Nobody ever read the 1995 proof.
Instead they wound up reading the program. This time it was written in C—which is easier to follow. And the fact that there were now two independent proofs in different languages that ran on different computers greatly reduced the worries that one of them might have a simple bug.
I do not know that any human has ever tried to properly read any proof of the 4 color theorem.
Now to the issue. The overall flow and method of argument were obviously correct. Spot checking individual points gave results that were also correct. The basic strategy was also obviously correct. It was a basic, “We prove that if it holds in every one of these special cases, then it is true. Then we check each special case.” Therefore it “made sense”. The problem was the question, “Might there be a mistake somewhere?” After all proofs do not simply have to make sense, they need to be verified. And that was what people couldn’t accept.
The same thing with the Objectivist. You can in fact come up with flaws in proposed understandings of the philosophy fairly easily. It happens all the time. But Objectivists believe that, after enough thought and evidence, it will converge on the one objective version. The AI’s proposed proof therefore can make sense in all of the same ways. It would even likely have a similar form. “Here is a categorization of all of the special cases which might be true. We just have to show that each one can’t work.” You might look at them and agree that those sound right. You can look at individual cases and accept that they don’t work. But do you abandon the belief that somewhere, somehow, there is a way to make it work? As opposed to the AI saying that there is none?

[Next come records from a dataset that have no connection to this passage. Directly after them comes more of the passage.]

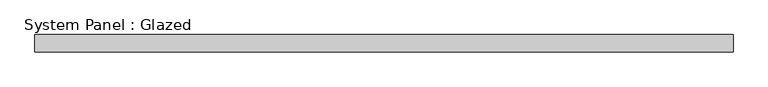
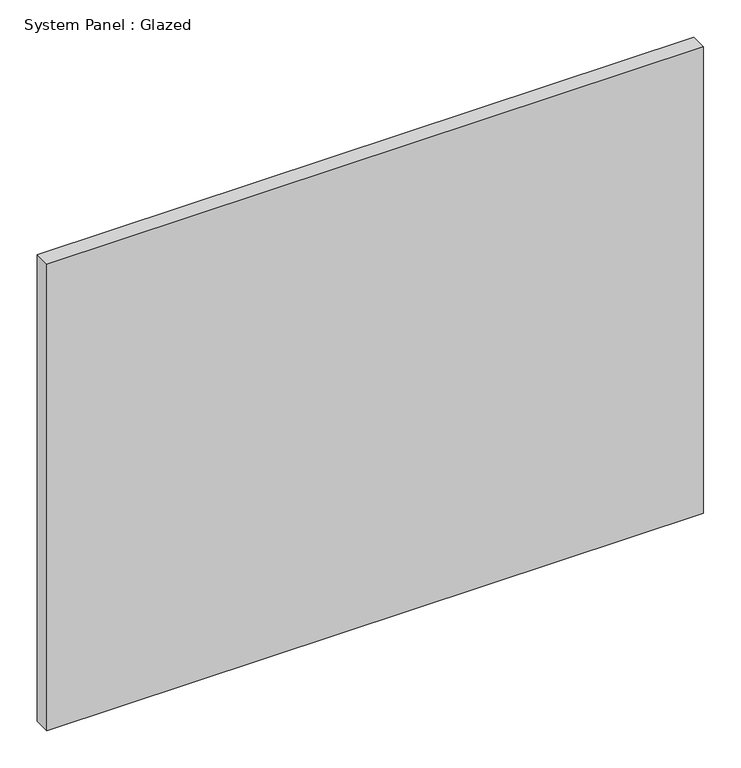
"""IFC4 building model written with IfcOpenShell, lengths in millimetres: plate geometry, System Panel : Glazed."""

from ifc_helpers import new_model, si_unit, origin, origin_with_axes, place, context, project, spatial, polyline, outline, extrude, source, transform, mapped, element, save


def system_panel_glazed_51d5fa28(model_context):
    return source(origin(), model_context, "Body", "SweptSolid", [
        extrude(outline(polyline([(508.92075, 19.05), (-508.92075, 19.05), (-508.92075, 44.45), (508.92075, 44.45), (508.92075, 19.05)])), origin_with_axes(), (0.0, 0.0, 1.0), 763.8415),
    ])


if __name__ == "__main__":
    model = new_model("IFC4")
    model_context = context("Model", 3, world=origin())
    ifc_project = project(units=[si_unit("LENGTHUNIT", "METRE", prefix="MILLI")], contexts=[model_context])
    site = spatial("IfcSite", under=ifc_project)
    building = spatial("IfcBuilding", under=site)
    placement = place(None, origin())
    system_panel_glazed_shape = system_panel_glazed_51d5fa28(model_context)
    element("IfcPlate", 1, ObjectType="System Panel : Glazed", at=placement, inside=building, context=model_context, shape_type="MappedRepresentation", body=[
        mapped(system_panel_glazed_shape, transform((0.0, 0.0, 0.0), x_axis=(1.0, 0.0, 0.0), y_axis=(0.0, 1.0, 0.0), z_axis=(0.0, 0.0, 1.0))),
    ])
    save(model, "model.ifc")

# Revit data of these elements
# Type "System Panel : Glazed"
#   Construction Type Id = "GSP4R"
#   Analytic Construction = "1/8 in Pilkington single glazing"
#   Visual Light Transmittance = 0.9
#   Solar Heat Gain Coefficient = 0.86
#   Heat Transfer Coefficient (U) = 1.18115 BTU/(h·ft²·°F)
#   Define Thermal Properties by = 1
# Element 1 (IfcPlate, "System Panel : Glazed")
#   Materials on its faces: "Glass"
# Materials
#   "Glass": class "Glass", colour RGB 0 128 192, transparency 0.75, Description = "Soda Lime Glass", Cost = 0
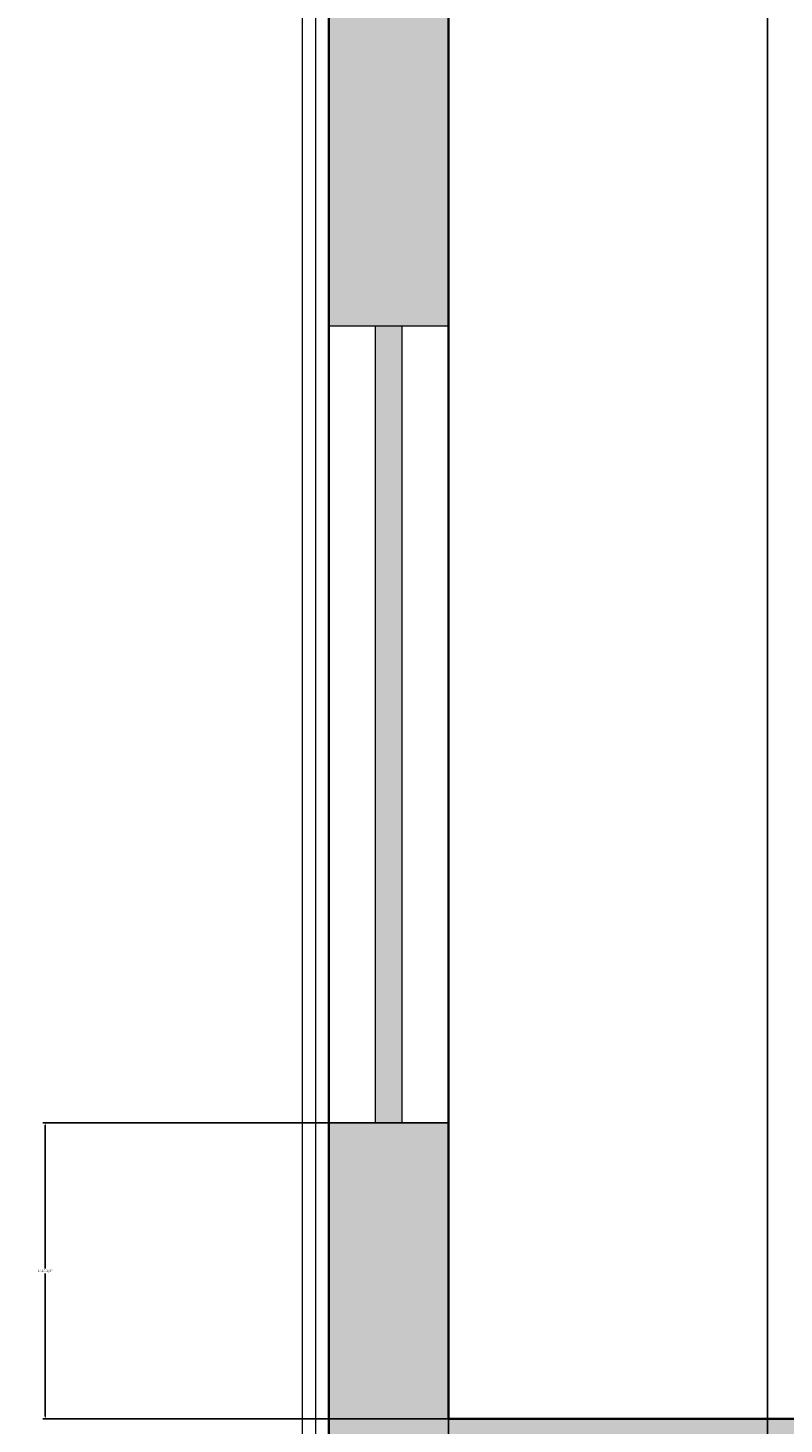
# Model space of a CAD drawing. Units: inches. Extents: x 311 to 815, y -527 to 136.
# Tile 3 of 21: x 388 to 445, y -474 to -368. Entities that reach past the tile are written whole.
import ezdxf

# ---------------------------------------------------------------- set-up
doc = ezdxf.new("R2010")
doc.units = ezdxf.units.IN
doc.header["$MEASUREMENT"] = 0
for name, color, linetype, lineweight in [('A-ANNO-DIMS', 1, 'Continuous', 18), ('A-FLOR-EDGE', 1, 'Continuous', 18), ('A-GLAZ-PATT', 5, 'Continuous', 13), ('A-WALL-PATT', 242, 'Continuous', 13), ('wall', 1, 'Continuous', 35), ('win', 5, 'Continuous', 18)]:
    doc.layers.add(name, color=color, linetype=linetype, lineweight=lineweight)
doc.styles.get("Standard").update_dxf_attribs({"font": 'arial.ttf'})
doc.dimstyles.get("Standard").update_dxf_attribs({"dimtxt": 0.18, "dimasz": 0.18, "dimexe": 0.18, "dimexo": 0.0625, "dimgap": 0.09, "dimtad": 0, "dimtih": 1, "dimtoh": 1, "dimdec": 1, "dimzin": 0, "dimdsep": 46, "dimlunit": 4, "dimtxsty": 'Standard', "dimcen": 0.09, "dimadec": 0, "dimazin": 0, "dimtfac": 1, "dimtdec": 1, "dimtofl": 0, "dimtmove": 0, "dimatfit": 3, "dimfxl": 1, "dimtolj": 1, "dimtzin": 0, "dimarcsym": 0})

# ---------------------------------------------------------------- blocks, each defined once
blk = doc.blocks.new('_ArchTick')
at = {"color": 0, "linetype": 'ByBlock', "const_width": 0.15}
blk.add_lwpolyline([(-0.5, -0.5), (0.5, 0.5)], dxfattribs=at)
blk = doc.blocks.new('_Oblique')
at = {"color": 0, "linetype": 'ByBlock', "lineweight": -2}
blk.add_line((-0.5, -0.5), (0.5, 0.5), dxfattribs=at)
blk = doc.blocks.new('*D3')
at = {"layer": 'A-ANNO-DIMS', "color": 0, "lineweight": -2, "transparency": 16777216}
for p, q in [((377.54, 21.87), (377.54, -221.61)), ((377.54, -482.13), (377.54, -238.65))]:
    blk.add_line(p, q, dxfattribs=at)
at = {"layer": 'Defpoints', "color": 0, "transparency": 16777216}
for p in [(410.32, 21.87), (377.54, -482.13), (410.32, -482.13)]:
    blk.add_point(p, dxfattribs=at)
at = {"layer": 'A-ANNO-DIMS', "color": 0, "lineweight": -2, "transparency": 16777216, "xscale": 9, "yscale": 9, "zscale": 9}
for name, p, rotation in [('_ArchTick', (377.54, 21.87), 90), ('_Oblique', (377.54, -482.13), 270)]:
    blk.add_blockref(name, p, dxfattribs=dict(at, rotation=rotation))
at = {"layer": 'A-ANNO-DIMS', "color": 0, "transparency": 16777216, "insert": (377.54, -230.13), "char_height": 9, "attachment_point": 5}
blk.add_mtext("\\A1;42'", dxfattribs=at)
blk = doc.blocks.new('WIN-60IN')
for p, q in [((9, 60), (0, 60)), ((3.5, 0), (3.5, 60)), ((5.5, 0), (5.5, 60)), ((9, 0), (0, 0))]:
    blk.add_line(p, q)
blk = doc.blocks.new('*D44')
at = {"layer": 'A-ANNO-DIMS', "color": 0, "lineweight": -2, "transparency": 16777216}
for p, q in [((419.26, -450.84), (388.79, -450.84)), ((388.97, -451.02), (388.97, -461.8)), ((388.97, -472.95), (388.97, -462.17)), ((419.26, -473.13), (388.79, -473.13))]:
    blk.add_line(p, q, dxfattribs=at)
at = {"layer": 'A-ANNO-DIMS', "color": 0, "transparency": 16777216}
for points in [[(388.94, -451.02), (389, -451.02), (388.97, -450.84)], [(388.94, -472.95), (389, -472.95), (388.97, -473.13)]]:
    blk.add_solid(points, dxfattribs=at)
at = {"layer": 'Defpoints', "color": 0, "transparency": 16777216}
for p in [(388.97, -450.84), (419.32, -450.84), (419.32, -473.13)]:
    blk.add_point(p, dxfattribs=at)
at = {"layer": 'A-ANNO-DIMS', "color": 0, "transparency": 16777216, "insert": (388.97, -461.98), "char_height": 0.18, "attachment_point": 5}
blk.add_mtext('\\A1;1\'-10 1/2"', dxfattribs=at)
blk = doc.blocks.new('*D54')
at = {"layer": 'A-ANNO-DIMS', "color": 0, "lineweight": -2, "transparency": 16777216}
for p, q in [((419.32, -335.63), (419.32, -526.66)), ((443.32, -348.19), (443.32, -526.66)), ((419.5, -526.48), (430.99, -526.48)), ((443.14, -526.48), (431.65, -526.48))]:
    blk.add_line(p, q, dxfattribs=at)
at = {"layer": 'A-ANNO-DIMS', "color": 0, "transparency": 16777216}
for points in [[(419.5, -526.45), (419.5, -526.51), (419.32, -526.48)], [(443.14, -526.45), (443.14, -526.51), (443.32, -526.48)]]:
    blk.add_solid(points, dxfattribs=at)
at = {"layer": 'Defpoints', "color": 0, "transparency": 16777216}
for p in [(419.32, -335.57), (443.32, -348.13), (443.32, -526.48)]:
    blk.add_point(p, dxfattribs=at)
at = {"layer": 'A-ANNO-DIMS', "color": 0, "transparency": 16777216, "insert": (431.32, -526.48), "char_height": 0.18, "attachment_point": 5}
blk.add_mtext('\\A1;2\'-0"', dxfattribs=at)

msp = doc.modelspace()

# ---------------------------------------------------------------- hatches: boundary and pattern name
at = {"layer": 'A-GLAZ-PATT'}
h = msp.add_hatch(color=256, dxfattribs=at)
h.dxf.hatch_style = 1
h.paths.add_polyline_path([(415.82, -202.13), (413.82, -202.13), (413.82, -262.13), (415.82, -262.13)])
h.paths.add_polyline_path([(415.82, -390.84), (413.82, -390.84), (413.82, -450.84), (415.82, -450.84)])
h.paths.add_polyline_path([(415.82, -311.57), (413.82, -311.57), (413.82, -335.57), (415.82, -335.57)])
h.paths.add_polyline_path([(509.32, -476.63), (449.32, -476.63), (449.32, -478.63), (509.32, -478.63)])
h.paths.add_polyline_path([(606.82, -476.63), (582.82, -476.63), (582.82, -478.63), (606.82, -478.63)])
h.paths.add_polyline_path([(678.82, -476.63), (654.82, -476.63), (654.82, -478.63), (678.82, -478.63)])
h.paths.add_polyline_path([(718.82, -385.13), (716.82, -385.13), (716.82, -445.13), (718.82, -445.13)])
h.paths.add_polyline_path([(718.82, -262.63), (716.82, -262.63), (716.82, -322.63), (718.82, -322.63)])
h.paths.add_polyline_path([(718.82, -140.13), (716.82, -140.13), (716.82, -200.13), (718.82, -200.13)])
h.paths.add_polyline_path([(718.82, -18.13), (716.82, -18.13), (716.82, -42.13), (718.82, -42.13)])
h.paths.add_polyline_path([(686.82, 18.37), (626.82, 18.37), (626.82, 16.37), (686.82, 16.37)])
h.paths.add_polyline_path([(581.82, 18.37), (557.82, 18.37), (557.82, 16.37), (581.82, 16.37)])
h.paths.add_polyline_path([(509.32, 18.37), (449.32, 18.37), (449.32, 16.37), (509.32, 16.37)])
at = {"layer": 'A-WALL-PATT'}
h = msp.add_hatch(color=256, dxfattribs=at)
h.dxf.hatch_style = 1
h.paths.add_polyline_path([(557.82, 21.87), (509.32, 21.87), (509.32, 12.87), (539.32, 12.87), (539.32, -112.13), (548.32, -112.13), (548.32, -58.63), (557.82, -58.63), (557.82, -49.63), (548.32, -49.63), (548.32, 12.87), (557.82, 12.87)])
h.paths.add_polyline_path([(449.32, 21.87), (410.32, 21.87), (410.32, -15.13), (419.32, -15.13), (419.32, 12.87), (449.32, 12.87)])
h.paths.add_polyline_path([(626.82, 21.87), (581.82, 21.87), (581.82, 12.87), (591.32, 12.87), (591.32, -49.63), (581.82, -49.63), (581.82, -58.63), (591.32, -58.63), (591.32, -112.13), (600.32, -112.13), (600.32, 12.87), (626.82, 12.87)])
h.paths.add_polyline_path([(722.32, 21.87), (686.82, 21.87), (686.82, 12.87), (713.32, 12.87), (713.32, -18.13), (722.32, -18.13)])
h.paths.add_polyline_path([(722.32, -42.13), (713.32, -42.13), (713.32, -73.13), (722.32, -73.13)])
h.paths.add_polyline_path([(501.32, -103.13), (419.32, -103.13), (419.32, -75.13), (410.32, -75.13), (410.32, -126.63), (419.32, -126.63), (419.32, -112.13), (492.32, -112.13), (492.32, -143.13), (501.32, -143.13)])
h.paths.add_polyline_path([(548.32, -165.13), (419.32, -165.13), (419.32, -150.63), (410.32, -150.63), (410.32, -202.13), (419.32, -202.13), (419.32, -174.13), (548.32, -174.13)])
h.paths.add_polyline_path([(722.32, -103.13), (636.32, -103.13), (636.32, -112.13), (713.32, -112.13), (713.32, -140.13), (722.32, -140.13)])
h.paths.add_polyline_path([(548.32, -210.13), (539.32, -210.13), (539.32, -290.13), (419.32, -290.13), (419.32, -262.13), (410.32, -262.13), (410.32, -311.57), (419.32, -311.57), (419.32, -299.13), (469.32, -299.13), (469.32, -348.13), (443.32, -348.13), (443.32, -357.13), (478.32, -357.13), (478.32, -299.13), (548.32, -299.13)])
h.paths.add_polyline_path([(722.32, -200.13), (713.32, -200.13), (713.32, -228.13), (609.32, -228.13), (609.32, -237.13), (713.32, -237.13), (713.32, -262.63), (722.32, -262.63)])
h.paths.add_polyline_path([(722.32, -322.63), (713.32, -322.63), (713.32, -348.13), (633.32, -348.13), (633.32, -357.13), (713.32, -357.13), (713.32, -385.13), (722.32, -385.13)])
h.paths.add_polyline_path([(419.32, -335.57), (410.32, -335.57), (410.32, -390.84), (419.32, -390.84)])
h.paths.add_polyline_path([(419.32, -450.84), (410.32, -450.84), (410.32, -482.13), (449.32, -482.13), (449.32, -473.13), (419.32, -473.13)])
h.paths.add_polyline_path([(582.82, -473.13), (548.32, -473.13), (548.32, -348.13), (539.32, -348.13), (539.32, -473.13), (509.32, -473.13), (509.32, -482.13), (582.82, -482.13)])
h.paths.add_polyline_path([(722.32, -445.13), (713.32, -445.13), (713.32, -473.13), (678.82, -473.13), (678.82, -482.13), (722.32, -482.13)])

# ---------------------------------------------------------------- linework, layer by layer
at = {"layer": 'A-FLOR-EDGE'}
for p, q in [((408.32, -484.13), (408.32, 23.87)), ((409.32, -483.13), (409.32, 22.87))]:
    msp.add_line(p, q, dxfattribs=at)
at = {"layer": 'wall'}
for p, q in [((410.32, -482.13), (410.32, 21.87)), ((419.32, -473.13), (419.32, -299.13)), ((419.32, -473.13), (539.32, -473.13))]:
    msp.add_line(p, q, dxfattribs=at)

# ---------------------------------------------------------------- block references
at = {"layer": 'win'}
msp.add_blockref('WIN-60IN', (410.32, -450.84), dxfattribs=at)

# ---------------------------------------------------------------- dimensions: what is measured, and where the dimension line sits
at = {"layer": 'A-ANNO-DIMS'}
for base, p1, p2, override, picture, middle in [((377.54, -482.13), (410.32, 21.87), (410.32, -482.13), {"dimtxt": 9, "dimasz": 9, "dimgap": 4, "dimblk1": 'ArchTick', "dimblk2": 'Oblique', "dimsah": 1, "dimse1": 1, "dimse2": 1, "dimclrd": 0, "dimclre": 0, "dimclrt": 0}, '*D3', (377.54, -230.13)), ((388.97, -450.84), (419.32, -473.13), (419.32, -450.84), {"dimdec": 1, "dimlfac": 1, "dimrnd": 0, "dimzin": 1, "dimdsep": 46, "dimlunit": 4, "dimfrac": 2}, '*D44', (388.97, -461.98))]:
    dim = msp.add_linear_dim(base=base, p1=p1, p2=p2, angle=90, dimstyle='Standard', override=override, dxfattribs=at)
    dim.commit()
    dim.dimension.update_dxf_attribs({"geometry": picture, "text_midpoint": middle})
dim = msp.add_linear_dim(base=(443.32, -526.48), p1=(419.32, -335.57), p2=(443.32, -348.13), dimstyle='Standard', override={"dimdec": 1, "dimlfac": 1, "dimrnd": 0, "dimzin": 1, "dimdsep": 46, "dimlunit": 4, "dimfrac": 2}, dxfattribs=at)
dim.commit()
dim.dimension.update_dxf_attribs({"geometry": '*D54', "text_midpoint": (431.32, -526.48)})

doc.saveas('drawing.dxf')

As you said, it requires a leap of faith. And your answer is mechanistic interpretability. Which is exactly what happened in the end with the 4 color proof. A mechanistically interpretable proof was produced, and mechanistically interpreted by Coq. QED.
But for something as vague as a philosophy, I think it will take a long time to get to mechanistically interpretable demonstrations. And the thing which will do so is likely itself to be an AI...
It will not take a long time if we use collective intelligence to do it together. The technology is already here. I’ve been trying to share it with others that understand the value of doing this before AI learns to do it on its own. If you want to learn more about that, feel free to look me up on the ‘X’ platform @therealkrantz.
It depends on subject matter.
For math, it is already here. Several options exist, Coq is the most popular.
For philosophy, the language requirements alone need AI at the level of reasonably current LLMs. Which brings their flaws as well. Plus you need knowledge of human experience. By the time you put it together, I don’t see how a mechanistic interpreter can be anything less than a (hopefully somewhat limited) AI.
Which again raises the question of how we come to trust in it enough for it not to be a leap of faith.